First I’ll tackle what is probably the first of the most controversial of those two assertions. If you notice in both my models above to calculate an estimate for SF one of the first things that we need to know is the “risk free rate” (rf). Now, if you accept my premise that the rf in the crypto market is == DSR then it seems odd to me that we first decide on SF and then subtract a few basis points from there to determine DSR. Given a rD number in the model above along with the input parameters sans rf (K,V, etc). I would have a hard time arriving at rf that was used for calculation. It is much easier to calculate the former (rD) from the latter (rf). Likewise, it seems to me that maker voters should probably be setting stability fees based on the DSR and not the other way around.
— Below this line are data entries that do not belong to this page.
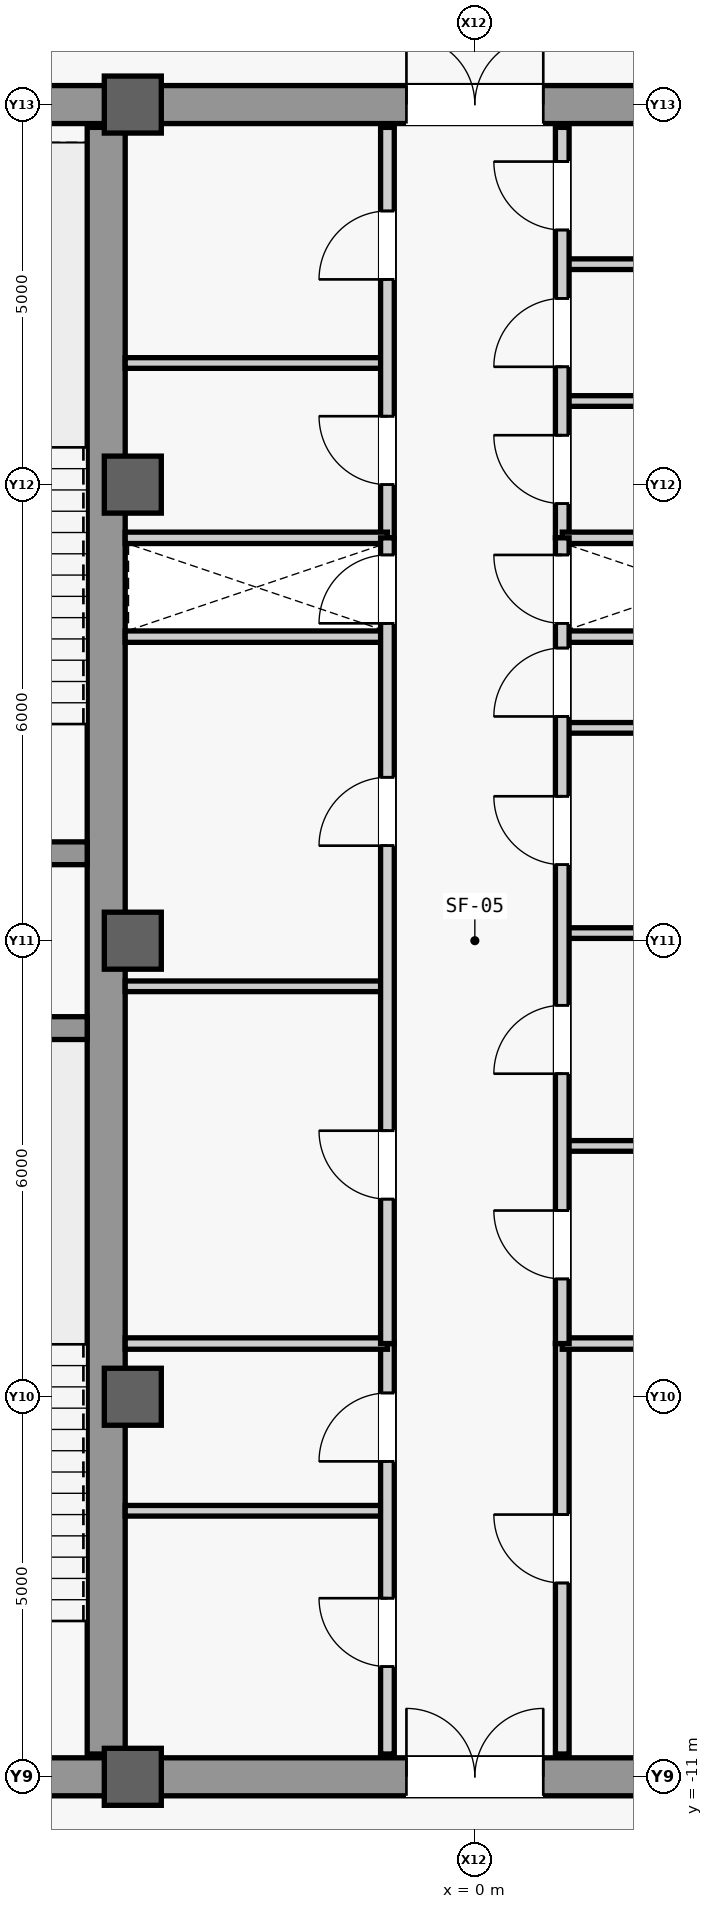
"""IFC4 building model, lengths in metres.
Left out: names, types, materials, properties, quantities, classifications, styles, units other than length and angle.
Written with IfcOpenShell. Run it as: python <this file> out.ifc"""

import sys

from ifc_helpers import new_model, si_unit, direction, frame, frame_2d, origin, origin_2d, place, context, subcontext, project, spatial, rectangle, extrude, source, transform, mapped, element, fill, save


model = new_model("IFC4")
c1 = context("Model", 3, precision=1e-05, world=origin(), true_north=direction((0.0, 1.0)))
c2 = subcontext(c1, "Body", "Model", "MODEL_VIEW")
j1 = project(units=[si_unit("LENGTHUNIT", "METRE"), si_unit("PLANEANGLEUNIT", "RADIAN")], contexts=[c1])
p1 = place(None, origin())
s1 = spatial("IfcSite", under=j1, at=p1, CompositionType="ELEMENT")
p2 = place(p1, origin())
s2 = spatial("IfcBuilding", under=s1, at=p2, CompositionType="ELEMENT")
p3 = place(p2, frame((0.0, 0.0, 380.3)))
s3 = spatial("IfcBuildingStorey", under=s2, at=p3, CompositionType="ELEMENT", Elevation=380.3)
m1 = source(origin(), c2, "Body", "SweptSolid", [
    extrude(rectangle(XDim=21.4, YDim=0.5, at=frame_2d((10.7, 0.0))), origin(), (0.0, 0.0, 1.0), 4.45),
])
p4 = place(p3, frame((-4.85, -10.7, 0.0), z_axis=(0.0, 0.0, 1.0), x_axis=(0.0, 1.0, 0.0)))
e1 = element("IfcWall", 1, at=p4, inside=s3, PredefinedType="SHEAR", context=c2, shape_type="MappedRepresentation", body=[
    mapped(m1, transform((0.0, 0.0, 0.0), scale=1.0)),
])
m2 = source(origin(), c2, "Body", "SweptSolid", [
    extrude(rectangle(XDim=5.9, YDim=0.5, at=frame_2d((2.95, 0.0))), origin(), (0.0, 0.0, 1.0), 4.45),
])
for number, where, z_axis, x_axis in (
    (2, (-10.75, -11.0, 0.0), (0.0, 0.0, 1.0), (1.0, 0.0, 0.0)),
    (3, (-10.75, 11.0, 0.0), (0.0, 0.0, 1.0), (1.0, 0.0, 0.0)),
):
    element("IfcWall", number, at=place(p3, frame(where, z_axis=z_axis, x_axis=x_axis)), inside=s3, PredefinedType="SHEAR", context=c2, shape_type="MappedRepresentation", body=[
        mapped(m2, transform((0.0, 0.0, 0.0), scale=1.0)),
    ])
m3 = source(origin(), c2, "Body", "SweptSolid", [
    extrude(rectangle(XDim=5.65, YDim=0.3, at=frame_2d((2.825, 0.0))), origin(), (0.0, 0.0, 1.0), 4.45),
])
for number, where, z_axis, x_axis in (
    (4, (-10.75, -1.15, 0.0), (0.0, 0.0, 1.0), (1.0, 0.0, 0.0)),
    (5, (-10.75, 1.15, 0.0), (0.0, 0.0, 1.0), (1.0, 0.0, 0.0)),
):
    element("IfcWall", number, at=place(p3, frame(where, z_axis=z_axis, x_axis=x_axis)), inside=s3, PredefinedType="SHEAR", context=c2, shape_type="MappedRepresentation", body=[
        mapped(m3, transform((0.0, 0.0, 0.0), scale=1.0)),
    ])
m4 = source(origin(), c2, "Body", "SweptSolid", [
    extrude(rectangle(XDim=9.2, YDim=0.5, at=frame_2d((4.6, 0.0))), origin(), (0.0, 0.0, 1.0), 4.45),
])
p5 = place(p3, frame((-4.6, -11.0, 0.0), z_axis=(0.0, 0.0, 1.0), x_axis=(1.0, 0.0, 0.0)))
e6 = element("IfcWall", 6, at=p5, inside=s3, PredefinedType="SHEAR", context=c2, shape_type="MappedRepresentation", body=[
    mapped(m4, transform((0.0, 0.0, 0.0), scale=1.0)),
])
m5 = source(origin(), c2, "Body", "SweptSolid", [
    extrude(rectangle(XDim=1.8, YDim=2.25, at=frame_2d((0.9, 1.125))), frame((0.0, 0.26, 0.0), z_axis=(0.0, -1.0, 0.0), x_axis=(1.0, 0.0, 0.0)), (0.0, 0.0, 1.0), 0.52),
])
p6 = place(p5, frame((3.7, 0.0, 0.0)))
e7 = element("IfcOpeningElement", 7, at=p6, cuts=e6, PredefinedType="OPENING", context=c2, shape_type="MappedRepresentation", body=[
    mapped(m5, transform((0.0, 0.0, 0.0), scale=1.0)),
])
p7 = place(p3, frame((-4.6, 11.0, 0.0), z_axis=(0.0, 0.0, 1.0), x_axis=(1.0, 0.0, 0.0)))
e8 = element("IfcWall", 8, at=p7, inside=s3, PredefinedType="SHEAR", context=c2, shape_type="MappedRepresentation", body=[
    mapped(m4, transform((0.0, 0.0, 0.0), scale=1.0)),
])
p8 = place(p7, frame((3.7, 0.0, 0.0)))
e9 = element("IfcOpeningElement", 9, at=p8, cuts=e8, PredefinedType="OPENING", context=c2, shape_type="MappedRepresentation", body=[
    mapped(m5, transform((0.0, 0.0, 0.0), scale=1.0)),
])
m6 = source(origin(), c2, "Body", "SweptSolid", [
    extrude(rectangle(XDim=0.75, YDim=0.75, at=origin_2d()), origin(), (0.0, 0.0, 1.0), 4.8),
])
for number, where, z_axis, x_axis in (
    (10, (-4.5, -11.0, 0.0), (0.0, 0.0, 1.0), (1.0, 0.0, 0.0)),
    (11, (-4.5, -6.0, 0.0), (0.0, 0.0, 1.0), (1.0, 0.0, 0.0)),
    (12, (-4.5, 0.0, 0.0), (0.0, 0.0, 1.0), (1.0, 0.0, 0.0)),
    (13, (-4.5, 6.0, 0.0), (0.0, 0.0, 1.0), (1.0, 0.0, 0.0)),
    (14, (-4.5, 11.0, 0.0), (0.0, 0.0, 1.0), (1.0, 0.0, 0.0)),
):
    element("IfcColumn", number, at=place(p3, frame(where, z_axis=z_axis, x_axis=x_axis)), inside=s3, PredefinedType="COLUMN", context=c2, shape_type="MappedRepresentation", body=[
        mapped(m6, transform((0.0, 0.0, 0.0), scale=1.0)),
    ])
m7 = source(origin(), c2, "Body", "SweptSolid", [
    extrude(rectangle(XDim=3.45, YDim=0.15, at=frame_2d((1.725, 0.0))), origin(), (0.0, 0.0, 1.0), 4.45),
])
for number, where, z_axis, x_axis in (
    (15, (-4.6, 4.0, 0.0), (0.0, 0.0, 1.0), (1.0, 0.0, 0.0)),
    (16, (1.15, 4.0, 0.0), (0.0, 0.0, 1.0), (1.0, 0.0, 0.0)),
):
    element("IfcWall", number, at=place(p3, frame(where, z_axis=z_axis, x_axis=x_axis)), inside=s3, PredefinedType="PARTITIONING", context=c2, shape_type="MappedRepresentation", body=[
        mapped(m7, transform((0.0, 0.0, 0.0), scale=1.0)),
    ])
m8 = source(origin(), c2, "Body", "SweptSolid", [
    extrude(rectangle(XDim=3.45, YDim=0.14, at=frame_2d((1.725, 0.0))), origin(), (0.0, 0.0, 1.0), 4.45),
])
p9 = place(p3, frame((-4.6, -7.5, 0.0), z_axis=(0.0, 0.0, 1.0), x_axis=(1.0, 0.0, 0.0)))
e17 = element("IfcWall", 17, at=p9, inside=s3, PredefinedType="PARTITIONING", context=c2, shape_type="MappedRepresentation", body=[
    mapped(m8, transform((0.0, 0.0, 0.0), scale=1.0)),
])
m9 = source(origin(), c2, "Body", "SweptSolid", [
    extrude(rectangle(XDim=5.4, YDim=0.18, at=frame_2d((2.7, 0.0))), origin(), (0.0, 0.0, 1.0), 4.45),
])
p10 = place(p3, frame((-1.15, -10.7, 0.0), z_axis=(0.0, 0.0, 1.0), x_axis=(0.0, 1.0, 0.0)))
e18 = element("IfcWall", 18, at=p10, inside=s3, PredefinedType="PARTITIONING", context=c2, shape_type="MappedRepresentation", body=[
    mapped(m9, transform((0.0, 0.0, 0.0), scale=1.0)),
])
m10 = source(origin(), c2, "Body", "SweptSolid", [
    extrude(rectangle(XDim=0.9, YDim=2.15, at=frame_2d((0.45, 1.075))), frame((0.0, 0.1, 0.0), z_axis=(0.0, -1.0, 0.0), x_axis=(1.0, 0.0, 0.0)), (0.0, 0.0, 1.0), 0.2),
])
p11 = place(p10, frame((1.15, 0.0, 0.0)))
e19 = element("IfcOpeningElement", 19, at=p11, cuts=e18, PredefinedType="OPENING", context=c2, shape_type="MappedRepresentation", body=[
    mapped(m10, transform((0.0, 0.0, 0.0), scale=1.0)),
])
p12 = place(p10, frame((3.85, 0.0, 0.0)))
e20 = element("IfcOpeningElement", 20, at=p12, cuts=e18, PredefinedType="OPENING", context=c2, shape_type="MappedRepresentation", body=[
    mapped(m10, transform((0.0, 0.0, 0.0), scale=1.0)),
])
p13 = place(p3, frame((1.15, -10.7, 0.0), z_axis=(0.0, 0.0, 1.0), x_axis=(0.0, 1.0, 0.0)))
e21 = element("IfcWall", 21, at=p13, inside=s3, PredefinedType="PARTITIONING", context=c2, shape_type="MappedRepresentation", body=[
    mapped(m9, transform((0.0, 0.0, 0.0), scale=1.0)),
])
p14 = place(p13, frame((2.25, 0.0, 0.0)))
e22 = element("IfcOpeningElement", 22, at=p14, cuts=e21, PredefinedType="OPENING", context=c2, shape_type="MappedRepresentation", body=[
    mapped(m10, transform((0.0, 0.0, 0.0), scale=1.0)),
])
for number, where, z_axis, x_axis in (
    (23, (-4.6, -5.3, 0.0), (0.0, 0.0, 1.0), (1.0, 0.0, 0.0)),
    (24, (1.15, -5.3, 0.0), (0.0, 0.0, 1.0), (1.0, 0.0, 0.0)),
):
    element("IfcWall", number, at=place(p3, frame(where, z_axis=z_axis, x_axis=x_axis)), inside=s3, PredefinedType="PARTITIONING", context=c2, shape_type="MappedRepresentation", body=[
        mapped(m7, transform((0.0, 0.0, 0.0), scale=1.0)),
    ])
p15 = place(p3, frame((-4.6, 7.6, 0.0), z_axis=(0.0, 0.0, 1.0), x_axis=(1.0, 0.0, 0.0)))
e25 = element("IfcWall", 25, at=p15, inside=s3, PredefinedType="PARTITIONING", context=c2, shape_type="MappedRepresentation", body=[
    mapped(m8, transform((0.0, 0.0, 0.0), scale=1.0)),
])
p16 = place(p3, frame((-1.15, 5.3, 0.0), z_axis=(0.0, 0.0, 1.0), x_axis=(0.0, 1.0, 0.0)))
e26 = element("IfcWall", 26, at=p16, inside=s3, PredefinedType="PARTITIONING", context=c2, shape_type="MappedRepresentation", body=[
    mapped(m9, transform((0.0, 0.0, 0.0), scale=1.0)),
])
p17 = place(p16, frame((0.7, 0.0, 0.0)))
e27 = element("IfcOpeningElement", 27, at=p17, cuts=e26, PredefinedType="OPENING", context=c2, shape_type="MappedRepresentation", body=[
    mapped(m10, transform((0.0, 0.0, 0.0), scale=1.0)),
])
p18 = place(p16, frame((3.4, 0.0, 0.0)))
e28 = element("IfcOpeningElement", 28, at=p18, cuts=e26, PredefinedType="OPENING", context=c2, shape_type="MappedRepresentation", body=[
    mapped(m10, transform((0.0, 0.0, 0.0), scale=1.0)),
])
for number, where, z_axis, x_axis in (
    (29, (1.15, 7.1, 0.0), (0.0, 0.0, 1.0), (1.0, 0.0, 0.0)),
    (30, (1.15, 8.9, 0.0), (0.0, 0.0, 1.0), (1.0, 0.0, 0.0)),
):
    element("IfcWall", number, at=place(p3, frame(where, z_axis=z_axis, x_axis=x_axis)), inside=s3, PredefinedType="PARTITIONING", context=c2, shape_type="MappedRepresentation", body=[
        mapped(m8, transform((0.0, 0.0, 0.0), scale=1.0)),
    ])
p19 = place(p3, frame((1.15, 5.3, 0.0), z_axis=(0.0, 0.0, 1.0), x_axis=(0.0, 1.0, 0.0)))
e31 = element("IfcWall", 31, at=p19, inside=s3, PredefinedType="PARTITIONING", context=c2, shape_type="MappedRepresentation", body=[
    mapped(m9, transform((0.0, 0.0, 0.0), scale=1.0)),
])
p20 = place(p19, frame((0.45, 0.0, 0.0)))
e32 = element("IfcOpeningElement", 32, at=p20, cuts=e31, PredefinedType="OPENING", context=c2, shape_type="MappedRepresentation", body=[
    mapped(m10, transform((0.0, 0.0, 0.0), scale=1.0)),
])
p21 = place(p19, frame((2.25, 0.0, 0.0)))
e33 = element("IfcOpeningElement", 33, at=p21, cuts=e31, PredefinedType="OPENING", context=c2, shape_type="MappedRepresentation", body=[
    mapped(m10, transform((0.0, 0.0, 0.0), scale=1.0)),
])
p22 = place(p19, frame((4.05, 0.0, 0.0)))
e34 = element("IfcOpeningElement", 34, at=p22, cuts=e31, PredefinedType="OPENING", context=c2, shape_type="MappedRepresentation", body=[
    mapped(m10, transform((0.0, 0.0, 0.0), scale=1.0)),
])
for number, where, z_axis, x_axis in (
    (35, (-4.6, 5.3, 0.0), (0.0, 0.0, 1.0), (1.0, 0.0, 0.0)),
    (36, (1.15, 5.3, 0.0), (0.0, 0.0, 1.0), (1.0, 0.0, 0.0)),
):
    element("IfcWall", number, at=place(p3, frame(where, z_axis=z_axis, x_axis=x_axis)), inside=s3, PredefinedType="PARTITIONING", context=c2, shape_type="MappedRepresentation", body=[
        mapped(m7, transform((0.0, 0.0, 0.0), scale=1.0)),
    ])
p23 = place(p3, frame((-4.6, -0.6, 0.0), z_axis=(0.0, 0.0, 1.0), x_axis=(1.0, 0.0, 0.0)))
e37 = element("IfcWall", 37, at=p23, inside=s3, PredefinedType="PARTITIONING", context=c2, shape_type="MappedRepresentation", body=[
    mapped(m8, transform((0.0, 0.0, 0.0), scale=1.0)),
])
m11 = source(origin(), c2, "Body", "SweptSolid", [
    extrude(rectangle(XDim=10.6, YDim=0.18, at=frame_2d((5.3, 0.0))), origin(), (0.0, 0.0, 1.0), 4.45),
])
p24 = place(p3, frame((-1.15, -5.3, 0.0), z_axis=(0.0, 0.0, 1.0), x_axis=(0.0, 1.0, 0.0)))
e38 = element("IfcWall", 38, at=p24, inside=s3, PredefinedType="PARTITIONING", context=c2, shape_type="MappedRepresentation", body=[
    mapped(m11, transform((0.0, 0.0, 0.0), scale=1.0)),
])
p25 = place(p24, frame((1.9, 0.0, 0.0)))
e39 = element("IfcOpeningElement", 39, at=p25, cuts=e38, PredefinedType="OPENING", context=c2, shape_type="MappedRepresentation", body=[
    mapped(m10, transform((0.0, 0.0, 0.0), scale=1.0)),
])
p26 = place(p24, frame((6.55, 0.0, 0.0)))
e40 = element("IfcOpeningElement", 40, at=p26, cuts=e38, PredefinedType="OPENING", context=c2, shape_type="MappedRepresentation", body=[
    mapped(m10, transform((0.0, 0.0, 0.0), scale=1.0)),
])
p27 = place(p24, frame((9.475, 0.0, 0.0)))
e41 = element("IfcOpeningElement", 41, at=p27, cuts=e38, PredefinedType="OPENING", context=c2, shape_type="MappedRepresentation", body=[
    mapped(m10, transform((0.0, 0.0, 0.0), scale=1.0)),
])
p28 = place(p3, frame((1.15, -2.7, 0.0), z_axis=(0.0, 0.0, 1.0), x_axis=(1.0, 0.0, 0.0)))
e42 = element("IfcWall", 42, at=p28, inside=s3, PredefinedType="PARTITIONING", context=c2, shape_type="MappedRepresentation", body=[
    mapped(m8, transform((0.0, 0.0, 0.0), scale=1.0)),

My last point was touched on a bit earlier by @jernejml , but I’ll drive this home as my biggest take away from this exercise. Although it is public information, looking at the underlying debt portfolio of maker is certainly not a trivial task to do. I am a software engineer and a “money enthusiast,” so with a little help from @Adam_Skrodzki I was able to get the data I was looking for. For most people, however, I would imagine writing a javascript program to query the ether blockchain is just too much of a barrier of entry to cross. Could be keeping out people with more of an economics background from adding their input on the protocols risk. Perhaps the foundation might consider publishing certain datasets in easy to consume formats such that independent analysis need not be such an undertaking. I could imagine something like a weekly snapshot of the debt portfolio linked from

Maybe I’ll put together a signaling request around the later at some point. That said, I may come back to this topic at some point in the future, but I think I’ve spent enough time trying to figure this out for now!